Submit questions early
WashingtonJobs.com:
Hi everyone and welcome to our show. Today, Dr. Lynn Friedman is with us and will be answering your questions on work/life issues. Let's get started.
Washington DC:
Hi Lynn
I just started an entry level job a few months ago that I really love. I love my boss and my team and the company and my responsibilities. But I am also really new to the working world -in particular, the high tech world- and I want to know what is out there for me. Where I could apply my skills, the spectrum of possibilities that are available to me, what more skills I shold acquire whether it be more business savvy or programming skills, etc. In short, I am look ing to start mapping out my career trajectory. Do you know how I could go about doing that? Are there places or workshops I can attend to start that process? Should I start talking to diferent people in the company? If I do start talking to people in the company could that look like I am unhappy with my job? What kind of counseling do you offer? Would you recommend career counsling for someone like me or do you cater to more executive level type of problems. I am basically a little lost as to where I am going and I want to take more control in my direction. The last thing I want is to follow some career path just because it is logical rather than it being logical AND desirable and then 10 or 15 years down the road realize that I'm doing something I hate. Thanks for your advice.

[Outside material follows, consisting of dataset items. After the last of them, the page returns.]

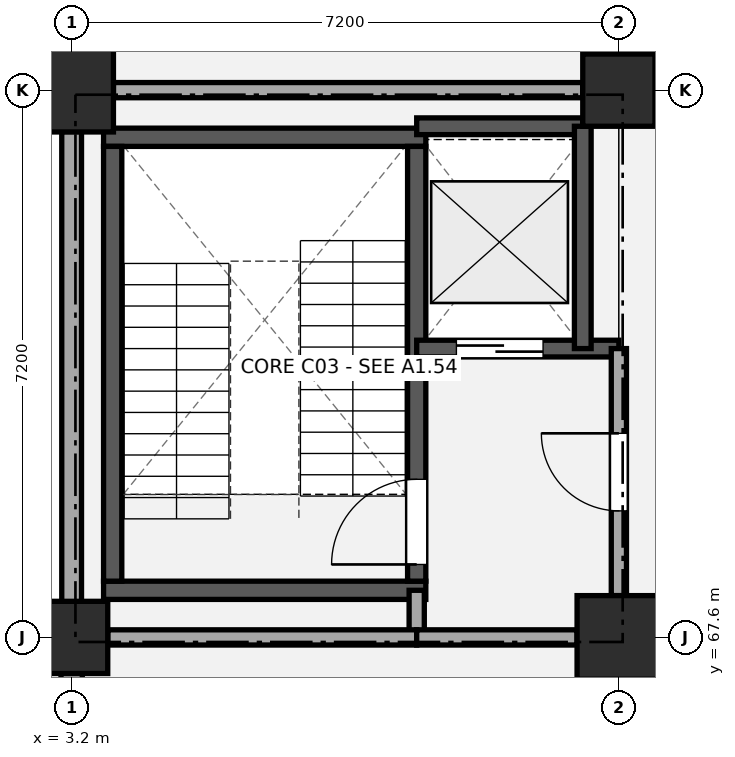
"""IFC4 building model, lengths in metres.
Left out: names, types, materials, properties, quantities, classifications, styles, units other than length and angle.
Written with IfcOpenShell. Run it as: python <this file> out.ifc"""

import sys

from ifc_helpers import new_model, si_unit, direction, frame, frame_2d, origin, origin_2d, place, context, subcontext, project, spatial, rectangle, extrude, element, fill, save


model = new_model("IFC4")
c1 = context("Model", 3, precision=1e-05, world=origin(), true_north=direction((0.0, 1.0)))
c2 = subcontext(c1, "Body", "Model", "MODEL_VIEW")
j1 = project(units=[si_unit("LENGTHUNIT", "METRE"), si_unit("PLANEANGLEUNIT", "RADIAN")], contexts=[c1])
p1 = place(None, origin())
s1 = spatial("IfcSite", under=j1, at=p1, CompositionType="ELEMENT")
p2 = place(p1, origin())
s2 = spatial("IfcBuilding", under=s1, at=p2, CompositionType="ELEMENT")
p3 = place(p2, frame((0.0, 0.0, 4.68)))
s3 = spatial("IfcBuildingStorey", under=s2, at=p3, CompositionType="ELEMENT", Elevation=4.68)
p4 = place(p3, frame((3.2, 67.6, 0.0), z_axis=(0.0, 0.0, 1.0), x_axis=(1.0, 0.0, 0.0)))
e1 = element("IfcColumn", 1, at=p4, inside=s3, PredefinedType="COLUMN", context=c2, shape_type="SweptSolid", body=[
    extrude(rectangle(XDim=0.95, YDim=0.95, at=origin_2d()), origin(), (0.0, 0.0, 1.0), 4.5),
])
for number, where, z_axis, x_axis in (
    (2, (3.2, 74.8, 0.0), (0.0, 0.0, 1.0), (1.0, 0.0, 0.0)),
    (3, (10.4, 67.6, 0.0), (0.0, 0.0, 1.0), (1.0, 0.0, 0.0)),
):
    element("IfcColumn", number, at=place(p3, frame(where, z_axis=z_axis, x_axis=x_axis)), inside=s3, PredefinedType="COLUMN", context=c2, shape_type="SweptSolid", body=[
        extrude(rectangle(XDim=1.1, YDim=1.1, at=origin_2d()), origin(), (0.0, 0.0, 1.0), 4.5),
    ])
p5 = place(p3, frame((10.4, 74.8, 0.0), z_axis=(0.0, 0.0, 1.0), x_axis=(1.0, 0.0, 0.0)))
e4 = element("IfcColumn", 4, at=p5, inside=s3, PredefinedType="COLUMN", context=c2, shape_type="SweptSolid", body=[
    extrude(rectangle(XDim=0.95, YDim=0.95, at=origin_2d()), origin(), (0.0, 0.0, 1.0), 4.5),
])
p6 = place(p3, frame((3.2, 60.945, 0.0), z_axis=(0.0, 0.0, 1.0), x_axis=(0.0, 1.0, 0.0)))
e5 = element("IfcWall", 5, at=p6, inside=s3, PredefinedType="STANDARD", context=c2, shape_type="SweptSolid", body=[
    extrude(rectangle(XDim=6.185, YDim=0.28, at=frame_2d((3.092, 0.0))), origin(), (0.0, 0.0, 1.0), 3.49),
])
p7 = place(p6, frame((2.343, 0.0, 0.95)))
e6 = element("IfcOpeningElement", 6, at=p7, cuts=e5, PredefinedType="OPENING", context=c2, shape_type="SweptSolid", body=[
    extrude(rectangle(XDim=1.5, YDim=1.65, at=frame_2d((0.75, 0.825))), frame((0.0, 0.15, 0.0), z_axis=(0.0, -1.0, 0.0), x_axis=(1.0, 0.0, 0.0)), (0.0, 0.0, 1.0), 0.3),
])
p8 = place(p3, frame((3.2, 68.07, 0.0), z_axis=(0.0, 0.0, 1.0), x_axis=(0.0, 1.0, 0.0)))
e7 = element("IfcWall", 7, at=p8, inside=s3, PredefinedType="STANDARD", context=c2, shape_type="SweptSolid", body=[
    extrude(rectangle(XDim=6.185, YDim=0.26, at=frame_2d((3.092, 0.0))), origin(), (0.0, 0.0, 1.0), 3.51),
])
for number, where, z_axis, x_axis in (
    (8, (3.62, 68.22, 0.0), (0.0, 0.0, 1.0), (1.0, 0.0, 0.0)),
    (9, (3.62, 74.18, 0.0), (0.0, 0.0, 1.0), (1.0, 0.0, 0.0)),
):
    element("IfcWall", number, at=place(p3, frame(where, z_axis=z_axis, x_axis=x_axis)), inside=s3, PredefinedType="SHEAR", context=c2, shape_type="SweptSolid", body=[
        extrude(rectangle(XDim=4.24, YDim=0.24, at=frame_2d((2.12, 0.0))), origin(), (0.0, 0.0, 1.0), 4.22),
    ])
p9 = place(p3, frame((3.74, 68.34, 0.0), z_axis=(0.0, 0.0, 1.0), x_axis=(0.0, 1.0, 0.0)))
e10 = element("IfcWall", 10, at=p9, inside=s3, PredefinedType="SHEAR", context=c2, shape_type="SweptSolid", body=[
    extrude(rectangle(XDim=5.72, YDim=0.24, at=frame_2d((2.86, 0.0))), origin(), (0.0, 0.0, 1.0), 4.22),
])
p10 = place(p3, frame((7.74, 68.34, 0.0), z_axis=(0.0, 0.0, 1.0), x_axis=(0.0, 1.0, 0.0)))
e11 = element("IfcWall", 11, at=p10, inside=s3, PredefinedType="SHEAR", context=c2, shape_type="SweptSolid", body=[
    extrude(rectangle(XDim=5.72, YDim=0.24, at=frame_2d((2.86, 0.0))), origin(), (0.0, 0.0, 1.0), 4.22),
])
p11 = place(p10, frame((0.22, 0.0, 0.0)))
e12 = element("IfcOpeningElement", 12, at=p11, cuts=e11, PredefinedType="OPENING", context=c2, shape_type="SweptSolid", body=[
    extrude(rectangle(XDim=1.12, YDim=2.15, at=frame_2d((0.56, 1.075))), frame((0.0, 0.13, 0.0), z_axis=(0.0, -1.0, 0.0), x_axis=(1.0, 0.0, 0.0)), (0.0, 0.0, 1.0), 0.26),
])
p12 = place(p3, frame((7.74, 71.4, 0.0), z_axis=(0.0, 0.0, 1.0), x_axis=(1.0, 0.0, 0.0)))
e13 = element("IfcWall", 13, at=p12, inside=s3, PredefinedType="SHEAR", context=c2, shape_type="SweptSolid", body=[
    extrude(rectangle(XDim=2.66, YDim=0.22, at=frame_2d((1.33, 0.0))), origin(), (0.0, 0.0, 1.0), 4.22),
])
p13 = place(p12, frame((0.522, 0.0, 0.0)))
e14 = element("IfcOpeningElement", 14, at=p13, cuts=e13, PredefinedType="OPENING", context=c2, shape_type="SweptSolid", body=[
    extrude(rectangle(XDim=1.14, YDim=2.15, at=frame_2d((0.57, 1.075))), frame((0.0, 0.12, 0.0), z_axis=(0.0, -1.0, 0.0), x_axis=(1.0, 0.0, 0.0)), (0.0, 0.0, 1.0), 0.24),
])
p14 = place(p3, frame((7.74, 74.325, 0.0), z_axis=(0.0, 0.0, 1.0), x_axis=(1.0, 0.0, 0.0)))
e15 = element("IfcWall", 15, at=p14, inside=s3, PredefinedType="SHEAR", context=c2, shape_type="SweptSolid", body=[
    extrude(rectangle(XDim=2.185, YDim=0.22, at=frame_2d((1.093, 0.0))), origin(), (0.0, 0.0, 1.0), 4.22),
])
p15 = place(p3, frame((9.925, 71.4, 0.0), z_axis=(0.0, 0.0, 1.0), x_axis=(0.0, 1.0, 0.0)))
e16 = element("IfcWall", 16, at=p15, inside=s3, PredefinedType="SHEAR", context=c2, shape_type="SweptSolid", body=[
    extrude(rectangle(XDim=2.925, YDim=0.22, at=frame_2d((1.462, 0.0))), origin(), (0.0, 0.0, 1.0), 4.22),
])
p16 = place(p3, frame((7.74, 67.6, 0.0), z_axis=(0.0, 0.0, 1.0), x_axis=(0.0, 1.0, 0.0)))
e17 = element("IfcWall", 17, at=p16, inside=s3, PredefinedType="PARTITIONING", context=c2, shape_type="SweptSolid", body=[
    extrude(rectangle(XDim=0.62, YDim=0.2, at=frame_2d((0.31, 0.0))), origin(), (0.0, 0.0, 1.0), 3.59),
])
p17 = place(p3, frame((10.4, 68.15, 0.0), z_axis=(0.0, 0.0, 1.0), x_axis=(0.0, 1.0, 0.0)))
e18 = element("IfcWall", 18, at=p17, inside=s3, PredefinedType="PARTITIONING", context=c2, shape_type="SweptSolid", body=[
    extrude(rectangle(XDim=3.25, YDim=0.2, at=frame_2d((1.625, 0.0))), origin(), (0.0, 0.0, 1.0), 3.59),
])
p18 = place(p17, frame((1.115, 0.0, 0.0)))
e19 = element("IfcOpeningElement", 19, at=p18, cuts=e18, PredefinedType="OPENING", context=c2, shape_type="SweptSolid", body=[
    extrude(rectangle(XDim=1.02, YDim=2.15, at=frame_2d((0.51, 1.075))), frame((0.0, 0.11, 0.0), z_axis=(0.0, -1.0, 0.0), x_axis=(1.0, 0.0, 0.0)), (0.0, 0.0, 1.0), 0.22),
])
p19 = place(p3, frame((3.675, 67.6, 0.0), z_axis=(0.0, 0.0, 1.0), x_axis=(1.0, 0.0, 0.0)))
e20 = element("IfcWall", 20, at=p19, inside=s3, PredefinedType="PARTITIONING", context=c2, shape_type="SweptSolid", body=[
    extrude(rectangle(XDim=4.065, YDim=0.2, at=frame_2d((2.032, 0.0))), origin(), (0.0, 0.0, 1.0), 3.59),
])
p20 = place(p3, frame((7.74, 67.6, 0.0), z_axis=(0.0, 0.0, 1.0), x_axis=(1.0, 0.0, 0.0)))
e21 = element("IfcWall", 21, at=p20, inside=s3, PredefinedType="PARTITIONING", context=c2, shape_type="SweptSolid", body=[
    extrude(rectangle(XDim=2.11, YDim=0.2, at=frame_2d((1.055, 0.0))), origin(), (0.0, 0.0, 1.0), 3.59),
])
p21 = place(p3, frame((3.75, 74.8, 0.0), z_axis=(0.0, 0.0, 1.0), x_axis=(1.0, 0.0, 0.0)))
e22 = element("IfcWall", 22, at=p21, inside=s3, PredefinedType="PARTITIONING", context=c2, shape_type="SweptSolid", body=[
    extrude(rectangle(XDim=6.175, YDim=0.2, at=frame_2d((3.087, 0.0))), origin(), (0.0, 0.0, 1.0), 3.54),
])
p22 = place(p3, frame((10.4, 75.275, 0.0), z_axis=(0.0, 0.0, 1.0), x_axis=(0.0, 1.0, 0.0)))
e23 = element("IfcWall", 23, at=p22, inside=s3, PredefinedType="PARTITIONING", context=c2, shape_type="SweptSolid", body=[
    extrude(rectangle(XDim=6.175, YDim=0.16, at=frame_2d((3.087, 0.0))), origin(), (0.0, 0.0, 1.0), 3.54),
])
p23 = place(p22, frame((2.448, 0.0, 0.0)))
e24 = element("IfcOpeningElement", 24, at=p23, cuts=e23, PredefinedType="OPENING", context=c2, shape_type="SweptSolid", body=[
    extrude(rectangle(XDim=1.28, YDim=2.2, at=frame_2d((0.64, 1.1))), frame((0.0, 0.09, 0.0), z_axis=(0.0, -1.0, 0.0), x_axis=(1.0, 0.0, 0.0)), (0.0, 0.0, 1.0), 0.18),
])
p24 = place(p11, origin())
e25 = element("IfcDoor", 25, at=p24, inside=s3, OperationType="SINGLE_SWING_LEFT", PredefinedType="DOOR", context=c2, shape_type="SweptSolid", body=[
    extrude(rectangle(XDim=1.12, YDim=2.15, at=frame_2d((0.56, 1.075))), frame((0.0, 0.025, 0.0), z_axis=(0.0, -1.0, 0.0), x_axis=(1.0, 0.0, 0.0)), (0.0, 0.0, 1.0), 0.05),
])
fill(e12, e25)
p25 = place(p13, origin())
e26 = element("IfcDoor", 26, at=p25, inside=s3, OperationType="SLIDING_TO_LEFT", PredefinedType="DOOR", context=c2, shape_type="SweptSolid", body=[
    extrude(rectangle(XDim=1.14, YDim=2.15, at=frame_2d((0.57, 1.075))), frame((0.0, 0.025, 0.0), z_axis=(0.0, -1.0, 0.0), x_axis=(1.0, 0.0, 0.0)), (0.0, 0.0, 1.0), 0.05),
])
fill(e14, e26)
p26 = place(p18, origin())
e27 = element("IfcDoor", 27, at=p26, inside=s3, OperationType="SINGLE_SWING_RIGHT", PredefinedType="DOOR", context=c2, shape_type="SweptSolid", body=[
    extrude(rectangle(XDim=1.02, YDim=2.15, at=frame_2d((0.51, 1.075))), frame((0.0, 0.025, 0.0), z_axis=(0.0, -1.0, 0.0), x_axis=(1.0, 0.0, 0.0)), (0.0, 0.0, 1.0), 0.05),
])
fill(e19, e27)
save(model, sys.argv[1])

Lynn Friedman: Actually, from your question, it sounds as if you are less "lost" than you imagine. You are already asking some very good questions -- questions that don't occur to many people until they are much further along in their careers. Your idea, to plan ahead, is a good one. As for how to do that, I have a couple of thoughts.
First, start the networking process by joining some relevant organizations and attending their events. In this way, you can meet key players in your field, obtain informal mentoring and network for jobs. It is also a wonderful way to let people get to know you and to give something back to your professional community. For example, if you are here in Washington and are working in technology, you may want to consider joining dc Web Women and/or Women in Technology.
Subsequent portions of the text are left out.